In 1970, the first commercial relationships emerged in which computers were used to transmit data. In this way, in 1980 the catalog trade was modernized with the help of television through “telesales”, which showed products more realistically and highlighted their most important attributes and characteristics. This type of direct sale was made through telephone calls and payment was made through credit cards.
In 1979 Michael Aldrich, an English businessman, invented “online shopping” with which he enabled the process of online transactions between consumers and companies, or between one company and another. In 1989 technology would have its greatest boom, and therefore electronic commerce, when the “www” or World Wide Web appeared. The web, created by the English Tim Berners-Lee, completely changed the way of communication and marketing in the world.
In the 90s, with the active Internet, electronic commerce grew like never before: in 1995 Amazon and eBay were born, which until now remain active. In this same year, the members of the G7 / G8 created the initiative of a global market for SMEs, this platform aimed to increase E-commerce among companies around the world, and it worked.
Starting in 1995, history changed forever
In 1997 the Dell company exceeded one million dollars in online sales.
In 2002 eBay bought PayPal and became popular “the fastest and safest way to send money, make payments online, receive money or set up a merchant account”, which facilitates purchases in electronic stores.
In 2007 Apple launched the iPhone, and a year later Google does the same with its version on Android, thus a new, easy, fast, and effective way of accessing E-commerce stores is born.
We have witnessed the vertiginous growth of electronic commerce in the last decade and we see how Amazon has taken over the industry through good service, personalization, and speed in its deliveries. This model has been the example for millions of businesses worldwide, which implement new strategies such as Dropshipping, data science, and Content Marketing.
Impact of Electronic Commerce: let’s review some statistics
79% of US consumers said that free shipping would increase the odds of shopping online. ( Walker Sands)

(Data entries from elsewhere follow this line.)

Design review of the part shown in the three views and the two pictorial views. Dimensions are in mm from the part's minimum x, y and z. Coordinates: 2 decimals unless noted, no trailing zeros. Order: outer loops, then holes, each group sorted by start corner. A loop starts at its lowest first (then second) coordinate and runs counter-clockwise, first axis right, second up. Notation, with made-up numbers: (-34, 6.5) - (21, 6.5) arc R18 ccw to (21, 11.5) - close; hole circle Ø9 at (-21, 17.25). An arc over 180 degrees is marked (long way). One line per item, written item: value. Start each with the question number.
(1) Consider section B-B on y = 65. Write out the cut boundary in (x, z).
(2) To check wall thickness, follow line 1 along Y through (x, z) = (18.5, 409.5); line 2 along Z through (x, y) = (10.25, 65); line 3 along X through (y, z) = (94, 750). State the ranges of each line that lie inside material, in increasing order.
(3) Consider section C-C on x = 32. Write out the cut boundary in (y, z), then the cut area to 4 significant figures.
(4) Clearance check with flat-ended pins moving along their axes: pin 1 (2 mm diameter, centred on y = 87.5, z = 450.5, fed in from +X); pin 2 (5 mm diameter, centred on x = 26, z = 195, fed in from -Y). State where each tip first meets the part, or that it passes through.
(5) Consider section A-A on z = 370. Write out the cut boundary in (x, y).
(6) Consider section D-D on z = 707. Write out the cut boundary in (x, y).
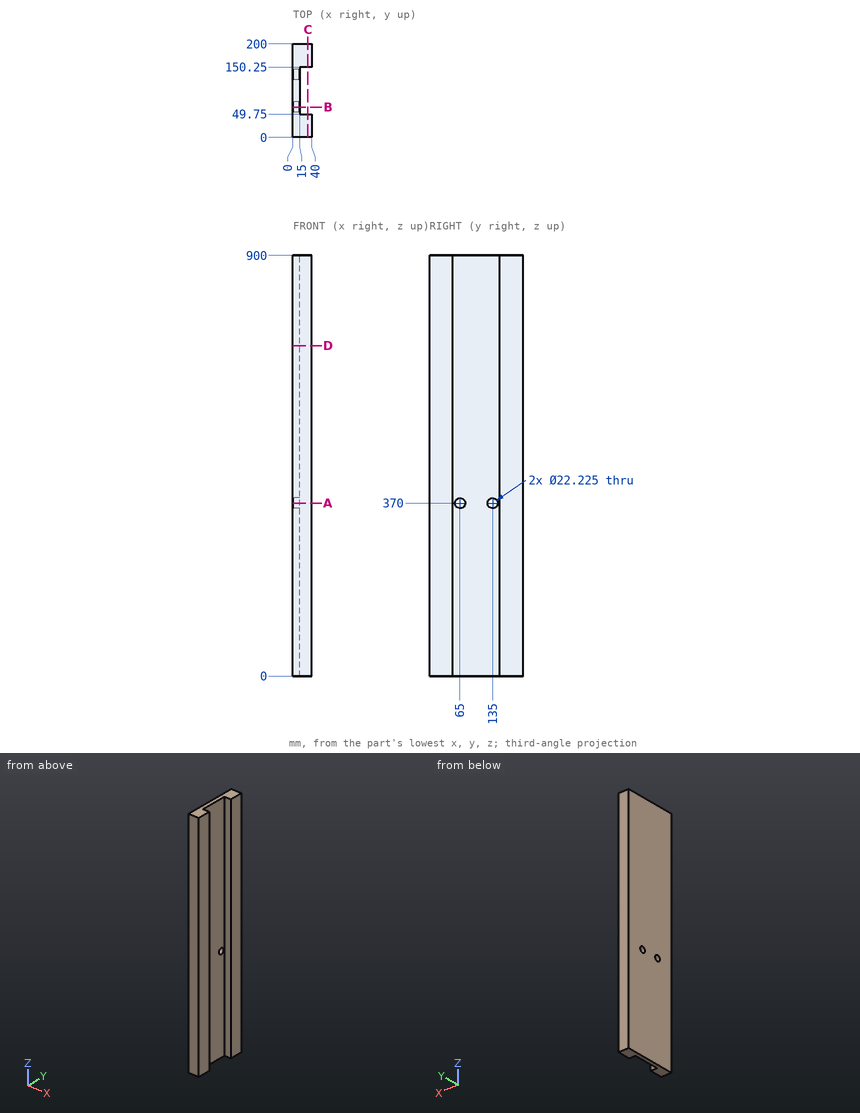
Geometry check:
1. outline: (0, 0) - (15, 0) - (15, 358.89) - (0, 358.89) - close; (0, 381.11) - (15, 381.11) - (15, 900) - (0, 900) - close
2. line 1: y = 0 to 49.75, 150.25 to 200
2. line 2: z = 0 to 358.89, 381.11 to 900
2. line 3: x = 0 to 15
3. outline: (0, 0) - (49.75, 0) - (49.75, 900) - (0, 900) - close; (150.25, 0) - (200, 0) - (200, 900) - (150.25, 900) - close
3. area: 89,550 mm^2
4. pin 1: stops at x = 15
4. pin 2: stops at y = 0
5. outline: (0, 0) - (40, 0) - (40, 49.75) - (15, 49.75) - (15, 53.89) - (0, 53.89) - close; (0, 76.11) - (15, 76.11) - (15, 123.89) - (0, 123.89) - close; (0, 146.11) - (15, 146.11) - (15, 150.25) - (40, 150.25) - (40, 200) - (0, 200) - close
6. outline: (0, 0) - (40, 0) - (40, 49.75) - (15, 49.75) - (15, 150.25) - (40, 150.25) - (40, 200) - (0, 200) - close

Only 15% of US consumers said online retailers always offer shipping options that meet their expectations for speed of delivery, compared with 30% reporting the same for Amazon. (Walker Sands)
The Electronic Commerce industry continues to grow. With the passage of time, new ways of pleasing customers, making their lives easier, and streamlining their online purchases are born. The industry has grown so much that it is necessary to divide it into types to understand it and understand the strategies and modalities that will ensure success.
Types of Electronic Commerce
According to the client
- B2B: This is Business to Business, it is the model that is sold from business to business, where our company sells electronically to other companies that require the product or service.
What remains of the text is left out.